Investors in Taiwan largely brushed off rising cross-strait tensions, sending the local stock index to a record high. Pompeo lifted U.S. guidelines on meetings with Taiwanese officials, put in place after Washington's recognition of China in 1979.

The Chinese Communist Party-backed Global Times warned that Pompeo was pushing toward military conflict. Hu Xijin, the newspaper's editor-in-chief, added in a microblog post that China has a “precious window of opportunity for mainland China to teach a heavy lesson to the 'Taiwan independence' forces” and re-establish “strategic leverage” in the Taiwan Strait.

The Chinese Foreign Ministry, which opposes official U.S.-Taiwan interactions, said Monday that it “firmly opposes and strongly condemns” the U.S. move.

Beijing's new rules on foreign sanctions are meant to protect local firms from “unjustified” overseas enforcement actions by allowing Chinese citizens or companies to sue for compensation in Chinese courts if their interests are damaged by the application of foreign laws.

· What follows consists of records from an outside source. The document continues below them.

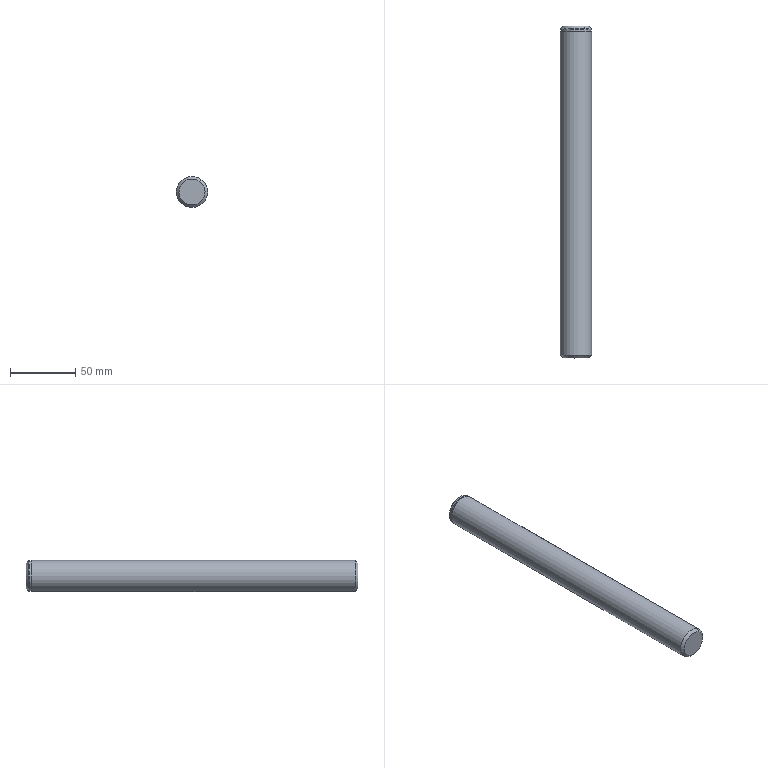Component | SolidWorks | JF21-63.1-17-1-SOLID1-1 | 1 solid | 14 faces | box 24 x 255 x 24 mm | volume 115022 mm3 | cylinder 6 | cone 4 | plane 4 | commonest cylinder face diameters 24 x4 22.9 x2
STEP:
#1=COLOUR_RGB('',0.7922,0.8196,0.9333);
#2=FILL_AREA_STYLE_COLOUR('',#1);
#3=FILL_AREA_STYLE('',(#2));
#4=SURFACE_STYLE_FILL_AREA(#3);
#5=SURFACE_SIDE_STYLE('',(#4));
#6=SURFACE_STYLE_USAGE(.BOTH.,#5);
#7=PRESENTATION_STYLE_ASSIGNMENT((#6));
#8=CARTESIAN_POINT('',(13.607,-32.881,0.3259));
#9=VERTEX_POINT('',#8);
#10=CARTESIAN_POINT('',(13.165,-32.881,-0.3259));
#11=VERTEX_POINT('',#10);
#12=CARTESIAN_POINT('',(13.386,-32.881,-0.));
#13=DIRECTION('',(-0.,-1.,-0.));
#14=DIRECTION('',(0.5609,0.,0.8279));
#15=AXIS2_PLACEMENT_3D('',#12,#13,#14);
#16=CIRCLE('',#15,0.3937);
#17=EDGE_CURVE('',#9,#11,#16,.T.);
#18=ORIENTED_EDGE('',*,*,#17,.F.);
#19=CARTESIAN_POINT('',(13.651,-32.802,0.3911));
#20=VERTEX_POINT('',#19);
#21=CARTESIAN_POINT('',(13.607,-32.881,0.3259));
#22=DIRECTION('',(-0.3966,-0.7071,-0.5854));
#23=VECTOR('',#22,39.37);
#24=LINE('',#21,#23);
#25=EDGE_CURVE('',#20,#9,#24,.T.);
#26=ORIENTED_EDGE('',*,*,#25,.F.);
#27=CARTESIAN_POINT('',(13.121,-32.802,-0.3911));
#28=VERTEX_POINT('',#27);
#29=CARTESIAN_POINT('',(13.386,-32.802,-0.));
#30=DIRECTION('',(0.,1.,0.));
#31=DIRECTION('',(0.5609,0.,0.8279));
#32=AXIS2_PLACEMENT_3D('',#29,#30,#31);
#33=CIRCLE('',#32,0.4724);
#34=EDGE_CURVE('',#28,#20,#33,.T.);
#35=ORIENTED_EDGE('',*,*,#34,.F.);
#36=CARTESIAN_POINT('',(13.165,-32.881,-0.3259));
#37=DIRECTION('',(0.3966,-0.7071,0.5854));
#38=VECTOR('',#37,39.37);
#39=LINE('',#36,#38);
#40=EDGE_CURVE('',#28,#11,#39,.T.);
#41=ORIENTED_EDGE('',*,*,#40,.T.);
#42=EDGE_LOOP('',(#18,#26,#35,#41));
#43=FACE_OUTER_BOUND('',#42,.T.);
#44=CARTESIAN_POINT('',(13.386,-32.881,-0.));
#45=DIRECTION('',(0.,1.,0.));
#46=DIRECTION('',(0.5609,0.,0.8279));
#47=AXIS2_PLACEMENT_3D('',#44,#45,#46);
#48=CONICAL_SURFACE('',#47,0.3937,0.7854);
#49=ADVANCED_FACE('',(#43),#48,.T.);
#50=CARTESIAN_POINT('',(13.165,-22.842,-0.3259));
#51=VERTEX_POINT('',#50);
#52=CARTESIAN_POINT('',(13.607,-22.842,0.3259));
#53=VERTEX_POINT('',#52);
#54=CARTESIAN_POINT('',(13.386,-22.842,-0.));
#55=DIRECTION('',(0.,1.,0.));
#56=DIRECTION('',(-0.5609,0.,-0.8279));
#57=AXIS2_PLACEMENT_3D('',#54,#55,#56);
#58=CIRCLE('',#57,0.3937);
#59=EDGE_CURVE('',#51,#53,#58,.T.);
#60=ORIENTED_EDGE('',*,*,#59,.F.);
#61=CARTESIAN_POINT('',(13.121,-22.92,-0.3911));
#62=VERTEX_POINT('',#61);
#63=CARTESIAN_POINT('',(13.121,-22.92,-0.3911));
#64=DIRECTION('',(-0.3966,-0.7071,-0.5854));
#65=VECTOR('',#64,39.37);
#66=LINE('',#63,#65);
#67=EDGE_CURVE('',#51,#62,#66,.T.);
#68=ORIENTED_EDGE('',*,*,#67,.T.);
#69=CARTESIAN_POINT('',(13.651,-22.92,0.3911));
#70=VERTEX_POINT('',#69);
#71=CARTESIAN_POINT('',(13.386,-22.92,-0.));
#72=DIRECTION('',(-0.,-1.,-0.));
#73=DIRECTION('',(-0.5609,0.,-0.8279));
#74=AXIS2_PLACEMENT_3D('',#71,#72,#73);
#75=CIRCLE('',#74,0.4724);
#76=EDGE_CURVE('',#70,#62,#75,.T.);
#77=ORIENTED_EDGE('',*,*,#76,.F.);
#78=CARTESIAN_POINT('',(13.651,-22.92,0.3911));
#79=DIRECTION('',(0.3966,-0.7071,0.5854));
#80=VECTOR('',#79,39.37);
#81=LINE('',#78,#80);
#82=EDGE_CURVE('',#53,#70,#81,.T.);
#83=ORIENTED_EDGE('',*,*,#82,.F.);
#84=EDGE_LOOP('',(#60,#68,#77,#83));
#85=FACE_OUTER_BOUND('',#84,.T.);
#86=CARTESIAN_POINT('',(13.386,-22.92,-0.));
#87=DIRECTION('',(-0.,-1.,-0.));
#88=DIRECTION('',(-0.5609,0.,-0.8279));
#89=AXIS2_PLACEMENT_3D('',#86,#87,#88);
#90=CONICAL_SURFACE('',#89,0.4724,0.7854);
#91=ADVANCED_FACE('',(#85),#90,.T.);
#92=CARTESIAN_POINT('',(13.651,-23.011,0.3911));
#93=VERTEX_POINT('',#92);
#94=CARTESIAN_POINT('',(13.121,-23.011,-0.3911));
#95=VERTEX_POINT('',#94);
#96=CARTESIAN_POINT('',(13.386,-23.011,-0.));
#97=DIRECTION('',(-0.,-1.,-0.));
#98=DIRECTION('',(0.5609,0.,0.8279));
#99=AXIS2_PLACEMENT_3D('',#96,#97,#98);
#100=CIRCLE('',#99,0.4724);
#101=EDGE_CURVE('',#93,#95,#100,.T.);
#102=ORIENTED_EDGE('',*,*,#101,.T.);
#103=CARTESIAN_POINT('',(13.121,-37.202,-0.3911));
#104=DIRECTION('',(-0.,-1.,-0.));
#105=VECTOR('',#104,39.37);
#106=LINE('',#103,#105);
#107=EDGE_CURVE('',#95,#28,#106,.T.);
#108=ORIENTED_EDGE('',*,*,#107,.T.);
#109=ORIENTED_EDGE('',*,*,#34,.T.);
#110=CARTESIAN_POINT('',(13.651,-37.202,0.3911));
#111=DIRECTION('',(-0.,-1.,-0.));
#112=VECTOR('',#111,39.37);
#113=LINE('',#110,#112);
#114=EDGE_CURVE('',#93,#20,#113,.T.);
#115=ORIENTED_EDGE('',*,*,#114,.F.);
#116=EDGE_LOOP('',(#102,#108,#109,#115));
#117=FACE_OUTER_BOUND('',#116,.T.);
#118=CARTESIAN_POINT('',(13.386,-37.202,-0.));
#119=DIRECTION('',(-0.,-1.,-0.));
#120=DIRECTION('',(-0.5609,0.,-0.8279));
#121=AXIS2_PLACEMENT_3D('',#118,#119,#120);
#122=CYLINDRICAL_SURFACE('',#121,0.4724);
#123=ADVANCED_FACE('',(#117),#122,.T.);
#124=CARTESIAN_POINT('',(13.639,-22.96,0.3732));
#125=VERTEX_POINT('',#124);
#126=CARTESIAN_POINT('',(13.133,-22.96,-0.3732));
#127=VERTEX_POINT('',#126);
#128=CARTESIAN_POINT('',(13.386,-22.96,-0.));
#129=DIRECTION('',(-0.,-1.,-0.));
#130=DIRECTION('',(0.5609,0.,0.8279));
#131=AXIS2_PLACEMENT_3D('',#128,#129,#130);
#132=CIRCLE('',#131,0.4508);
#133=EDGE_CURVE('',#125,#127,#132,.T.);
#134=ORIENTED_EDGE('',*,*,#133,.T.);
#135=CARTESIAN_POINT('',(13.133,-23.011,-0.3732));
#136=VERTEX_POINT('',#135);
#137=CARTESIAN_POINT('',(13.133,-37.202,-0.3732));
#138=DIRECTION('',(-0.,-1.,-0.));
#139=VECTOR('',#138,39.37);
#140=LINE('',#137,#139);
#141=EDGE_CURVE('',#127,#136,#140,.T.);
#142=ORIENTED_EDGE('',*,*,#141,.T.);
#143=CARTESIAN_POINT('',(13.639,-23.011,0.3732));
#144=VERTEX_POINT('',#143);
#145=CARTESIAN_POINT('',(13.386,-23.011,-0.));
#146=DIRECTION('',(-0.,-1.,-0.));
#147=DIRECTION('',(0.5609,0.,0.8279));
#148=AXIS2_PLACEMENT_3D('',#145,#146,#147);
#149=CIRCLE('',#148,0.4508);
#150=EDGE_CURVE('',#144,#136,#149,.T.);
#151=ORIENTED_EDGE('',*,*,#150,.F.);
#152=CARTESIAN_POINT('',(13.639,-37.202,0.3732));
#153=DIRECTION('',(-0.,-1.,-0.));
#154=VECTOR('',#153,39.37);
#155=LINE('',#152,#154);
#156=EDGE_CURVE('',#125,#144,#155,.T.);
#157=ORIENTED_EDGE('',*,*,#156,.F.);
#158=EDGE_LOOP('',(#134,#142,#151,#157));
#159=FACE_OUTER_BOUND('',#158,.T.);
#160=CARTESIAN_POINT('',(13.386,-37.202,-0.));
#161=DIRECTION('',(-0.,-1.,-0.));
#162=DIRECTION('',(-0.5609,0.,-0.8279));
#163=AXIS2_PLACEMENT_3D('',#160,#161,#162);
#164=CYLINDRICAL_SURFACE('',#163,0.4508);
#165=ADVANCED_FACE('',(#159),#164,.T.);
#166=ORIENTED_EDGE('',*,*,#76,.T.);
#167=CARTESIAN_POINT('',(13.121,-22.96,-0.3911));
#168=VERTEX_POINT('',#167);
#169=CARTESIAN_POINT('',(13.121,-37.202,-0.3911));
#170=DIRECTION('',(-0.,-1.,-0.));
#171=VECTOR('',#170,39.37);
#172=LINE('',#169,#171);
#173=EDGE_CURVE('',#62,#168,#172,.T.);
#174=ORIENTED_EDGE('',*,*,#173,.T.);
#175=CARTESIAN_POINT('',(13.651,-22.96,0.3911));
#176=VERTEX_POINT('',#175);
#177=CARTESIAN_POINT('',(13.386,-22.96,-0.));
#178=DIRECTION('',(-0.,-1.,-0.));
#179=DIRECTION('',(0.5609,0.,0.8279));
#180=AXIS2_PLACEMENT_3D('',#177,#178,#179);
#181=CIRCLE('',#180,0.4724);
#182=EDGE_CURVE('',#176,#168,#181,.T.);
#183=ORIENTED_EDGE('',*,*,#182,.F.);
#184=CARTESIAN_POINT('',(13.651,-37.202,0.3911));
#185=DIRECTION('',(-0.,-1.,-0.));
#186=VECTOR('',#185,39.37);
#187=LINE('',#184,#186);
#188=EDGE_CURVE('',#70,#176,#187,.T.);
#189=ORIENTED_EDGE('',*,*,#188,.F.);
#190=EDGE_LOOP('',(#166,#174,#183,#189));
#191=FACE_OUTER_BOUND('',#190,.T.);
#192=CARTESIAN_POINT('',(13.386,-37.202,-0.));
#193=DIRECTION('',(-0.,-1.,-0.));
#194=DIRECTION('',(-0.5609,0.,-0.8279));
#195=AXIS2_PLACEMENT_3D('',#192,#193,#194);
#196=CYLINDRICAL_SURFACE('',#195,0.4724);
#197=ADVANCED_FACE('',(#191),#196,.T.);
#198=CARTESIAN_POINT('',(13.386,-22.842,-0.));
#199=DIRECTION('',(0.,1.,0.));
#200=DIRECTION('',(-0.5609,0.,-0.8279));
#201=AXIS2_PLACEMENT_3D('',#198,#199,#200);
#202=CIRCLE('',#201,0.3937);
#203=EDGE_CURVE('',#53,#51,#202,.T.);
#204=ORIENTED_EDGE('',*,*,#203,.T.);
#205=ORIENTED_EDGE('',*,*,#59,.T.);
#206=EDGE_LOOP('',(#204,#205));
#207=FACE_OUTER_BOUND('',#206,.T.);
#208=CARTESIAN_POINT('',(13.777,-22.842,-0.265));
#209=DIRECTION('',(0.,1.,0.));
#210=DIRECTION('',(0.5609,-0.,0.8279));
#211=AXIS2_PLACEMENT_3D('',#208,#209,#210);
#212=PLANE('',#211);
#213=ADVANCED_FACE('',(#207),#212,.T.);
#214=ORIENTED_EDGE('',*,*,#173,.F.);
#215=CARTESIAN_POINT('',(13.386,-22.92,-0.));
#216=DIRECTION('',(-0.,-1.,-0.));
#217=DIRECTION('',(-0.5609,0.,-0.8279));
#218=AXIS2_PLACEMENT_3D('',#215,#216,#217);
#219=CIRCLE('',#218,0.4724);
#220=EDGE_CURVE('',#62,#70,#219,.T.);
#221=ORIENTED_EDGE('',*,*,#220,.T.);
#222=ORIENTED_EDGE('',*,*,#188,.T.);
#223=CARTESIAN_POINT('',(13.386,-22.96,-0.));
#224=DIRECTION('',(-0.,-1.,-0.));
#225=DIRECTION('',(0.5609,0.,0.8279));
#226=AXIS2_PLACEMENT_3D('',#223,#224,#225);
#227=CIRCLE('',#226,0.4724);
#228=EDGE_CURVE('',#168,#176,#227,.T.);
#229=ORIENTED_EDGE('',*,*,#228,.F.);
#230=EDGE_LOOP('',(#214,#221,#222,#229));
#231=FACE_OUTER_BOUND('',#230,.T.);
#232=CARTESIAN_POINT('',(13.386,-37.202,-0.));
#233=DIRECTION('',(-0.,-1.,-0.));
#234=DIRECTION('',(-0.5609,0.,-0.8279));
#235=AXIS2_PLACEMENT_3D('',#232,#233,#234);
#236=CYLINDRICAL_SURFACE('',#235,0.4724);
#237=ADVANCED_FACE('',(#231),#236,.T.);
#238=ORIENTED_EDGE('',*,*,#182,.T.);
#239=ORIENTED_EDGE('',*,*,#228,.T.);
#240=EDGE_LOOP('',(#238,#239));
#241=FACE_OUTER_BOUND('',#240,.T.);
#242=ORIENTED_EDGE('',*,*,#133,.F.);
#243=CARTESIAN_POINT('',(13.386,-22.96,-0.));
#244=DIRECTION('',(-0.,-1.,-0.));
#245=DIRECTION('',(0.5609,0.,0.8279));
#246=AXIS2_PLACEMENT_3D('',#243,#244,#245);
#247=CIRCLE('',#246,0.4508);
#248=EDGE_CURVE('',#127,#125,#247,.T.);
#249=ORIENTED_EDGE('',*,*,#248,.F.);
#250=EDGE_LOOP('',(#242,#249));
#251=FACE_BOUND('',#250,.T.);
#252=CARTESIAN_POINT('',(13.759,-22.96,-0.2528));
#253=DIRECTION('',(-0.,-1.,-0.));
#254=DIRECTION('',(-0.5609,0.,-0.8279));
#255=AXIS2_PLACEMENT_3D('',#252,#253,#254);
#256=PLANE('',#255);
#257=ADVANCED_FACE('',(#241,#251),#256,.T.);
#258=ORIENTED_EDGE('',*,*,#141,.F.);
#259=ORIENTED_EDGE('',*,*,#248,.T.);
#260=ORIENTED_EDGE('',*,*,#156,.T.);
#261=CARTESIAN_POINT('',(13.386,-23.011,-0.));
#262=DIRECTION('',(-0.,-1.,-0.));
#263=DIRECTION('',(0.5609,0.,0.8279));
#264=AXIS2_PLACEMENT_3D('',#261,#262,#263);
#265=CIRCLE('',#264,0.4508);
#266=EDGE_CURVE('',#136,#144,#265,.T.);
#267=ORIENTED_EDGE('',*,*,#266,.F.);
#268=EDGE_LOOP('',(#258,#259,#260,#267));
#269=FACE_OUTER_BOUND('',#268,.T.);
#270=CARTESIAN_POINT('',(13.386,-37.202,-0.));
#271=DIRECTION('',(-0.,-1.,-0.));
#272=DIRECTION('',(-0.5609,0.,-0.8279));
#273=AXIS2_PLACEMENT_3D('',#270,#271,#272);
#274=CYLINDRICAL_SURFACE('',#273,0.4508);
#275=ADVANCED_FACE('',(#269),#274,.T.);
#276=ORIENTED_EDGE('',*,*,#150,.T.);
#277=ORIENTED_EDGE('',*,*,#266,.T.);
#278=EDGE_LOOP('',(#276,#277));
#279=FACE_BOUND('',#278,.T.);
#280=ORIENTED_EDGE('',*,*,#101,.F.);
#281=CARTESIAN_POINT('',(13.386,-23.011,-0.));
#282=DIRECTION('',(-0.,-1.,-0.));
#283=DIRECTION('',(0.5609,0.,0.8279));
#284=AXIS2_PLACEMENT_3D('',#281,#282,#283);
#285=CIRCLE('',#284,0.4724);
#286=EDGE_CURVE('',#95,#93,#285,.T.);
#287=ORIENTED_EDGE('',*,*,#286,.F.);
#288=EDGE_LOOP('',(#280,#287));
#289=FACE_OUTER_BOUND('',#288,.T.);
#290=CARTESIAN_POINT('',(13.777,-23.011,-0.265));
#291=DIRECTION('',(0.,1.,0.));
#292=DIRECTION('',(0.5609,-0.,0.8279));
#293=AXIS2_PLACEMENT_3D('',#290,#291,#292);
#294=PLANE('',#293);
#295=ADVANCED_FACE('',(#279,#289),#294,.T.);
#296=ORIENTED_EDGE('',*,*,#107,.F.);
#297=ORIENTED_EDGE('',*,*,#286,.T.);
#298=ORIENTED_EDGE('',*,*,#114,.T.);
#299=CARTESIAN_POINT('',(13.386,-32.802,-0.));
#300=DIRECTION('',(0.,1.,0.));
#301=DIRECTION('',(0.5609,0.,0.8279));
#302=AXIS2_PLACEMENT_3D('',#299,#300,#301);
#303=CIRCLE('',#302,0.4724);
#304=EDGE_CURVE('',#20,#28,#303,.T.);
#305=ORIENTED_EDGE('',*,*,#304,.T.);
#306=EDGE_LOOP('',(#296,#297,#298,#305));
#307=FACE_OUTER_BOUND('',#306,.T.);
#308=CARTESIAN_POINT('',(13.386,-37.202,-0.));
#309=DIRECTION('',(-0.,-1.,-0.));
#310=DIRECTION('',(-0.5609,0.,-0.8279));
#311=AXIS2_PLACEMENT_3D('',#308,#309,#310);
#312=CYLINDRICAL_SURFACE('',#311,0.4724);
#313=ADVANCED_FACE('',(#307),#312,.T.);
#314=CARTESIAN_POINT('',(13.386,-32.881,-0.));
#315=DIRECTION('',(-0.,-1.,-0.));
#316=DIRECTION('',(0.5609,0.,0.8279));
#317=AXIS2_PLACEMENT_3D('',#314,#315,#316);
#318=CIRCLE('',#317,0.3937);
#319=EDGE_CURVE('',#11,#9,#318,.T.);
#320=ORIENTED_EDGE('',*,*,#319,.T.);
#321=ORIENTED_EDGE('',*,*,#17,.T.);
#322=EDGE_LOOP('',(#320,#321));
#323=FACE_OUTER_BOUND('',#322,.T.);
#324=CARTESIAN_POINT('',(13.386,-32.881,-0.));
#325=DIRECTION('',(-0.,-1.,-0.));
#326=DIRECTION('',(-0.5609,0.,-0.8279));
#327=AXIS2_PLACEMENT_3D('',#324,#325,#326);
#328=PLANE('',#327);
#329=ADVANCED_FACE('',(#323),#328,.T.);
#330=ORIENTED_EDGE('',*,*,#67,.F.);
#331=ORIENTED_EDGE('',*,*,#203,.F.);
#332=ORIENTED_EDGE('',*,*,#82,.T.);
#333=ORIENTED_EDGE('',*,*,#220,.F.);
#334=EDGE_LOOP('',(#330,#331,#332,#333));
#335=FACE_OUTER_BOUND('',#334,.T.);
#336=CARTESIAN_POINT('',(13.386,-22.92,-0.));
#337=DIRECTION('',(-0.,-1.,-0.));
#338=DIRECTION('',(-0.5609,0.,-0.8279));
#339=AXIS2_PLACEMENT_3D('',#336,#337,#338);
#340=CONICAL_SURFACE('',#339,0.4724,0.7854);
#341=ADVANCED_FACE('',(#335),#340,.T.);
#342=ORIENTED_EDGE('',*,*,#25,.T.);
#343=ORIENTED_EDGE('',*,*,#319,.F.);
#344=ORIENTED_EDGE('',*,*,#40,.F.);
#345=ORIENTED_EDGE('',*,*,#304,.F.);
#346=EDGE_LOOP('',(#342,#343,#344,#345));
#347=FACE_OUTER_BOUND('',#346,.T.);
#348=CARTESIAN_POINT('',(13.386,-32.881,-0.));
#349=DIRECTION('',(0.,1.,0.));
#350=DIRECTION('',(0.5609,0.,0.8279));
#351=AXIS2_PLACEMENT_3D('',#348,#349,#350);
#352=CONICAL_SURFACE('',#351,0.3937,0.7854);
#353=ADVANCED_FACE('',(#347),#352,.T.);
#354=CLOSED_SHELL('',(#49,#91,#123,#165,#197,#213,#237,#257,#275,#295,#313,#329,#341,#353));
#355=MANIFOLD_SOLID_BREP('',#354);
#356=STYLED_ITEM('',(#7),#355);
#357=PRESENTATION_LAYER_ASSIGNMENT('','',(#356));
#358=(LENGTH_UNIT()NAMED_UNIT(*)SI_UNIT($,.METRE.));
#359=LENGTH_MEASURE_WITH_UNIT(LENGTH_MEASURE(0.0254),#358);
#360=DIMENSIONAL_EXPONENTS(1.,0.,0.,0.,0.,0.,0.);
#361=(CONVERSION_BASED_UNIT('',#359)LENGTH_UNIT()NAMED_UNIT(#360));
#362=UNCERTAINTY_MEASURE_WITH_UNIT(LENGTH_MEASURE(0.00001),#361,'','');
#363=(NAMED_UNIT(*)PLANE_ANGLE_UNIT()SI_UNIT($,.RADIAN.));
#364=(NAMED_UNIT(*)SI_UNIT($,.STERADIAN.)SOLID_ANGLE_UNIT());
#365=(GEOMETRIC_REPRESENTATION_CONTEXT(3)GLOBAL_UNCERTAINTY_ASSIGNED_CONTEXT((#362))GLOBAL_UNIT_ASSIGNED_CONTEXT((#361,#363,#364))REPRESENTATION_CONTEXT('',''));
#366=MECHANICAL_DESIGN_GEOMETRIC_PRESENTATION_REPRESENTATION('',(#356),#365);
#367=CARTESIAN_POINT('',(0.,0.,0.));
#368=DIRECTION('',(0.,0.,1.));
#369=DIRECTION('',(1.,0.,0.));
#370=AXIS2_PLACEMENT_3D('',#367,#368,#369);
#371=(LENGTH_UNIT()NAMED_UNIT(*)SI_UNIT($,.METRE.));
#372=LENGTH_MEASURE_WITH_UNIT(LENGTH_MEASURE(0.0254),#371);
#373=DIMENSIONAL_EXPONENTS(1.,0.,0.,0.,0.,0.,0.);
#374=(CONVERSION_BASED_UNIT('',#372)LENGTH_UNIT()NAMED_UNIT(#373));
#375=UNCERTAINTY_MEASURE_WITH_UNIT(LENGTH_MEASURE(0.00001),#374,'','');
#376=(NAMED_UNIT(*)PLANE_ANGLE_UNIT()SI_UNIT($,.RADIAN.));
#377=(NAMED_UNIT(*)SI_UNIT($,.STERADIAN.)SOLID_ANGLE_UNIT());
#378=(GEOMETRIC_REPRESENTATION_CONTEXT(3)GLOBAL_UNCERTAINTY_ASSIGNED_CONTEXT((#375))GLOBAL_UNIT_ASSIGNED_CONTEXT((#374,#376,#377))REPRESENTATION_CONTEXT('',''));
#379=ADVANCED_BREP_SHAPE_REPRESENTATION('',(#355,#370),#378);

The new rules are more than anything a signaling mechanism to both Chinese companies and U.S. companies in China, and are more of a signal at this stage rather than actually trying to put legal efforts in motion, Bloomberg said.

Even though Hong Kong's security law forbids sanctions against the financial hub and China, state-owned lenders including Bank of China Ltd. have quietly taken steps to comply with U.S. sanctions against officials such as Hong Kong Chief Executive Carrie Lam. With more than $1 trillion of liabilities denominated in U.S. dollars, China's four largest state-owned banks have huge incentives to stay on the good side of American regulators so they can retain access to dollar funding.

Investors have in many cases been given little warning on how regulators, banks, index providers and exchanges plan to implement Trump's order. The New York Stock Exchange flip-flopped twice before finally confirming last week it will delist China Mobile Ltd. and two other Chinese telecom companies. MSCI Inc. removed the three stocks from its indexes on Friday, giving global funds just one day to adjust billions of dollars of passive investments.

Wendy Liu, head of China equity strategy at UBS Group AG, said some investors in Europe are interested in taking advantage of the sanction-induced drop in Chinese share prices. But she added that many are still waiting to pull the trigger as they await more clarity on the outlook for U.S.-China tensions.

“Reversing Trump's sanctions and China policies too quickly will give a 'pro-China' signal that will not be beneficial for Biden's polls,” Liu said. “We still need to wait and see how U.S.-China relations will unfold in the new administration.”

So, we will see. The current U.S. transition period seems increasingly likely to be steeped in confusion as new positions are constructed with major trading partners — trends producers should watch closely as the transition approaches its completion, Washington Insider believes.